Beach was born at Milton Abbas, Dorset in 1738, and showed a strong predilection for art from an early age. In 1760, under the patronage of Lord Dorchester's family, he became a pupil of Sir Joshua Reynolds, while at the same time studying at the St. Martin's Lane Academy. He then settled at the fashionable resort of Bath, where he was much in demand for his portraits and portrait groups, which were usually of a small size.

He painted the actress Sarah Siddons several times. In his first portrait of her, painted in the winter of 1781–2, she is shown seated, in everyday clothes, holding a book. He depicted her again later in 1782, in one of his more ambitious works, an allegorical portrait inspired by Milton's Il Penseroso, in which she represented the personification of Melancholy. In 1787 he painted Mrs. Siddons and John Kemble in the Dagger Scene in Macbeth, of which the actress wrote, "My brother's head is the finest I have ever seen, and the likest of the two".
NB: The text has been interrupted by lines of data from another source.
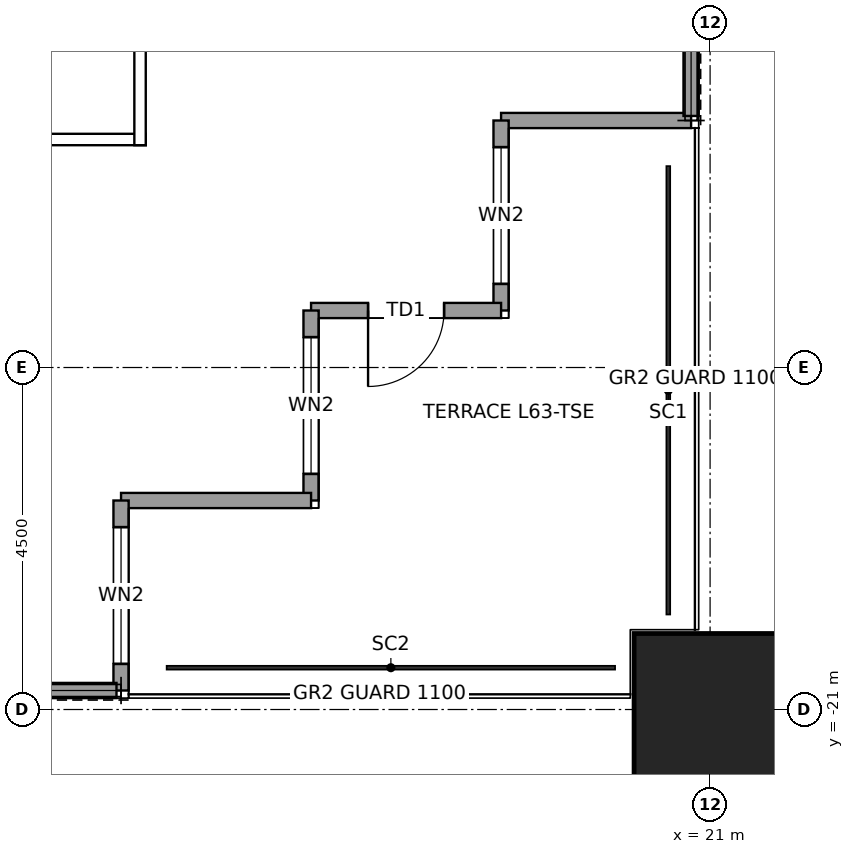
"""IFC4 building model, lengths in metres.
Left out: names, types, materials, properties, quantities, classifications, styles, units other than length and angle.
Written with IfcOpenShell. Run it as: python <this file> out.ifc"""

import sys

from ifc_helpers import new_model, si_unit, direction, frame, frame_2d, origin, origin_2d, place, context, subcontext, project, spatial, rectangle, hollow_rectangle, extrude, element, fill, save


model = new_model("IFC4")
c1 = context("Model", 3, precision=1e-05, world=origin(), true_north=direction((0.0, 1.0)))
c2 = subcontext(c1, "Body", "Model", "MODEL_VIEW")
j1 = project(units=[si_unit("LENGTHUNIT", "METRE"), si_unit("PLANEANGLEUNIT", "RADIAN")], contexts=[c1])
p1 = place(None, origin())
s1 = spatial("IfcSite", under=j1, at=p1, CompositionType="ELEMENT")
p2 = place(p1, origin())
s2 = spatial("IfcBuilding", under=s1, at=p2, CompositionType="ELEMENT")
p3 = place(p2, frame((0.0, 0.0, 287.9)))
s3 = spatial("IfcBuildingStorey", under=s2, at=p3, CompositionType="ELEMENT", Elevation=287.9)
p4 = place(p3, frame((21.0, -21.0, 0.0), z_axis=(0.0, 0.0, 1.0), x_axis=(1.0, 0.0, 0.0)))
e1 = element("IfcColumn", 1, at=p4, inside=s3, PredefinedType="COLUMN", context=c2, shape_type="SweptSolid", body=[
    extrude(hollow_rectangle(XDim=2.0, YDim=2.0, WallThickness=0.095, at=origin_2d()), origin(), (0.0, 0.0, 1.0), 4.0),
])
p5 = place(p3, frame((20.75, -13.25, 0.0), z_axis=(0.0, 0.0, 1.0), x_axis=(-1.0, 0.0, 0.0)))
e2 = element("IfcWall", 2, at=p5, inside=s3, PredefinedType="SOLIDWALL", context=c2, shape_type="SweptSolid", body=[
    extrude(rectangle(XDim=2.5, YDim=0.2, at=frame_2d((1.25, 0.0))), origin(), (0.0, 0.0, 1.0), 3.85),
])
p6 = place(p3, frame((18.25, -13.25, 0.0), z_axis=(0.0, 0.0, 1.0), x_axis=(0.0, -1.0, 0.0)))
e3 = element("IfcWall", 3, at=p6, inside=s3, PredefinedType="SOLIDWALL", context=c2, shape_type="SweptSolid", body=[
    extrude(rectangle(XDim=2.5, YDim=0.2, at=frame_2d((1.25, 0.0))), origin(), (0.0, 0.0, 1.0), 3.85),
])
p7 = place(p6, frame((0.35, 0.0, 0.3)))
e4 = element("IfcOpeningElement", 4, at=p7, cuts=e3, PredefinedType="OPENING", context=c2, shape_type="SweptSolid", body=[
    extrude(rectangle(XDim=1.8, YDim=2.4, at=frame_2d((0.9, 1.2))), frame((0.0, 0.11, 0.0), z_axis=(0.0, -1.0, 0.0), x_axis=(1.0, 0.0, 0.0)), (0.0, 0.0, 1.0), 0.22),
])
p8 = place(p3, frame((18.25, -15.75, 0.0), z_axis=(0.0, 0.0, 1.0), x_axis=(-1.0, 0.0, 0.0)))
e5 = element("IfcWall", 5, at=p8, inside=s3, PredefinedType="SOLIDWALL", context=c2, shape_type="SweptSolid", body=[
    extrude(rectangle(XDim=2.5, YDim=0.2, at=frame_2d((1.25, 0.0))), origin(), (0.0, 0.0, 1.0), 3.317),
])
p9 = place(p8, frame((0.75, 0.0, 0.0)))
e6 = element("IfcOpeningElement", 6, at=p9, cuts=e5, PredefinedType="OPENING", context=c2, shape_type="SweptSolid", body=[
    extrude(rectangle(XDim=1.0, YDim=2.4, at=frame_2d((0.5, 1.2))), frame((0.0, 0.11, 0.0), z_axis=(0.0, -1.0, 0.0), x_axis=(1.0, 0.0, 0.0)), (0.0, 0.0, 1.0), 0.22),
])
p10 = place(p3, frame((15.75, -15.75, 0.0), z_axis=(0.0, 0.0, 1.0), x_axis=(0.0, -1.0, 0.0)))
e7 = element("IfcWall", 7, at=p10, inside=s3, PredefinedType="SOLIDWALL", context=c2, shape_type="SweptSolid", body=[
    extrude(rectangle(XDim=2.5, YDim=0.2, at=frame_2d((1.25, 0.0))), origin(), (0.0, 0.0, 1.0), 3.85),
])
p11 = place(p10, frame((0.35, 0.0, 0.3)))
e8 = element("IfcOpeningElement", 8, at=p11, cuts=e7, PredefinedType="OPENING", context=c2, shape_type="SweptSolid", body=[
    extrude(rectangle(XDim=1.8, YDim=2.4, at=frame_2d((0.9, 1.2))), frame((0.0, 0.11, 0.0), z_axis=(0.0, -1.0, 0.0), x_axis=(1.0, 0.0, 0.0)), (0.0, 0.0, 1.0), 0.22),
])
p12 = place(p3, frame((15.75, -18.25, 0.0), z_axis=(0.0, 0.0, 1.0), x_axis=(-1.0, 0.0, 0.0)))
e9 = element("IfcWall", 9, at=p12, inside=s3, PredefinedType="SOLIDWALL", context=c2, shape_type="SweptSolid", body=[
    extrude(rectangle(XDim=2.5, YDim=0.2, at=frame_2d((1.25, 0.0))), origin(), (0.0, 0.0, 1.0), 3.85),
])
p13 = place(p3, frame((13.25, -18.25, 0.0), z_axis=(0.0, 0.0, 1.0), x_axis=(0.0, -1.0, 0.0)))
e10 = element("IfcWall", 10, at=p13, inside=s3, PredefinedType="SOLIDWALL", context=c2, shape_type="SweptSolid", body=[
    extrude(rectangle(XDim=2.5, YDim=0.2, at=frame_2d((1.25, 0.0))), origin(), (0.0, 0.0, 1.0), 3.85),
])
p14 = place(p13, frame((0.35, 0.0, 0.3)))
e11 = element("IfcOpeningElement", 11, at=p14, cuts=e10, PredefinedType="OPENING", context=c2, shape_type="SweptSolid", body=[
    extrude(rectangle(XDim=1.8, YDim=2.4, at=frame_2d((0.9, 1.2))), frame((0.0, 0.11, 0.0), z_axis=(0.0, -1.0, 0.0), x_axis=(1.0, 0.0, 0.0)), (0.0, 0.0, 1.0), 0.22),
])
for number, where, z_axis, x_axis in (
    (12, (20.75, -10.405, 0.0), (0.0, 0.0, 1.0), (0.0, -1.0, 0.0)),
    (13, (13.19, -20.75, 0.0), (0.0, 0.0, 1.0), (-1.0, 0.0, 0.0)),
):
    element("IfcWall", number, at=place(p3, frame(where, z_axis=z_axis, x_axis=x_axis)), inside=s3, PredefinedType="SOLIDWALL", context=c2, shape_type="SweptSolid", body=[
        extrude(rectangle(XDim=2.785, YDim=0.2, at=frame_2d((1.393, 0.0))), origin(), (0.0, 0.0, 1.0), 3.85),
    ])
p15 = place(p3, frame((-12.075, -13.5, 0.0), z_axis=(0.0, 0.0, 1.0), x_axis=(1.0, 0.0, 0.0)))
e14 = element("IfcWall", 14, at=p15, inside=s3, PredefinedType="PARTITIONING", context=c2, shape_type="SweptSolid", body=[
    extrude(rectangle(XDim=25.65, YDim=0.15, at=frame_2d((12.825, 0.0))), origin(), (0.0, 0.0, 1.0), 3.85),
])
p16 = place(p15, frame((3.075, 0.0, 0.0)))
e15 = element("IfcOpeningElement", 15, at=p16, cuts=e14, PredefinedType="OPENING", context=c2, shape_type="SweptSolid", body=[
    extrude(rectangle(XDim=1.0, YDim=2.4, at=frame_2d((0.5, 1.2))), frame((0.0, 0.085, 0.0), z_axis=(0.0, -1.0, 0.0), x_axis=(1.0, 0.0, 0.0)), (0.0, 0.0, 1.0), 0.17),
])
p17 = place(p3, frame((13.5, -13.575, 0.0), z_axis=(0.0, 0.0, 1.0), x_axis=(0.0, 1.0, 0.0)))
e16 = element("IfcWall", 16, at=p17, inside=s3, PredefinedType="PARTITIONING", context=c2, shape_type="SweptSolid", body=[
    extrude(rectangle(XDim=13.65, YDim=0.15, at=frame_2d((6.825, 0.0))), origin(), (0.0, 0.0, 1.0), 3.85),
])
p18 = place(p17, frame((3.825, 0.0, 0.0)))
e17 = element("IfcOpeningElement", 17, at=p18, cuts=e16, PredefinedType="OPENING", context=c2, shape_type="SweptSolid", body=[
    extrude(rectangle(XDim=1.0, YDim=2.4, at=frame_2d((0.5, 1.2))), frame((0.0, 0.085, 0.0), z_axis=(0.0, -1.0, 0.0), x_axis=(1.0, 0.0, 0.0)), (0.0, 0.0, 1.0), 0.17),
])
p19 = place(p7, origin())
e18 = element("IfcWindow", 18, at=p19, inside=s3, PartitioningType="SINGLE_PANEL", PredefinedType="WINDOW", context=c2, shape_type="SweptSolid", body=[
    extrude(rectangle(XDim=1.8, YDim=2.4, at=frame_2d((0.9, 1.2))), frame((0.0, 0.03, 0.0), z_axis=(0.0, -1.0, 0.0), x_axis=(1.0, 0.0, 0.0)), (0.0, 0.0, 1.0), 0.06),
])
fill(e4, e18)
p20 = place(p9, origin())
e19 = element("IfcDoor", 19, at=p20, inside=s3, OperationType="SINGLE_SWING_RIGHT", PredefinedType="DOOR", context=c2, shape_type="SweptSolid", body=[
    extrude(rectangle(XDim=1.0, YDim=2.4, at=frame_2d((0.5, 1.2))), frame((0.0, 0.025, 0.0), z_axis=(0.0, -1.0, 0.0), x_axis=(1.0, 0.0, 0.0)), (0.0, 0.0, 1.0), 0.05),
])
fill(e6, e19)
p21 = place(p11, origin())
e20 = element("IfcWindow", 20, at=p21, inside=s3, PartitioningType="SINGLE_PANEL", PredefinedType="WINDOW", context=c2, shape_type="SweptSolid", body=[
    extrude(rectangle(XDim=1.8, YDim=2.4, at=frame_2d((0.9, 1.2))), frame((0.0, 0.03, 0.0), z_axis=(0.0, -1.0, 0.0), x_axis=(1.0, 0.0, 0.0)), (0.0, 0.0, 1.0), 0.06),
])
fill(e8, e20)
p22 = place(p14, origin())
e21 = element("IfcWindow", 21, at=p22, inside=s3, PartitioningType="SINGLE_PANEL", PredefinedType="WINDOW", context=c2, shape_type="SweptSolid", body=[
    extrude(rectangle(XDim=1.8, YDim=2.4, at=frame_2d((0.9, 1.2))), frame((0.0, 0.03, 0.0), z_axis=(0.0, -1.0, 0.0), x_axis=(1.0, 0.0, 0.0)), (0.0, 0.0, 1.0), 0.06),
])
fill(e11, e21)
save(model, sys.argv[1])

He was a member of the Incorporated Society of Artists, and a contributor to its exhibitions from 1772 to 1783. He exhibited the Royal Academy every year from 1785 until 1790, but not again until 1797, when he was living at Strand-on-the-Green, near Kew in London, and sent a portrait of the Prince of Wales. Several of Beach's portraits were engraved in mezzotint by William Dickinson, Valentine Green, Richard Houston, and John Jones.

Beach died at Dorchester, Dorset, on 17 December 1806.

The National Portrait Gallery has a portrait by Beach of William Woodfall, the earliest parliamentary reporter. Portraits of Sir Edward Wilmot, bart., M.D., and Richard Tattersall, the horse dealer who established 'Tattersall's, were exhibited in the National Portrait Exhibition of 1867.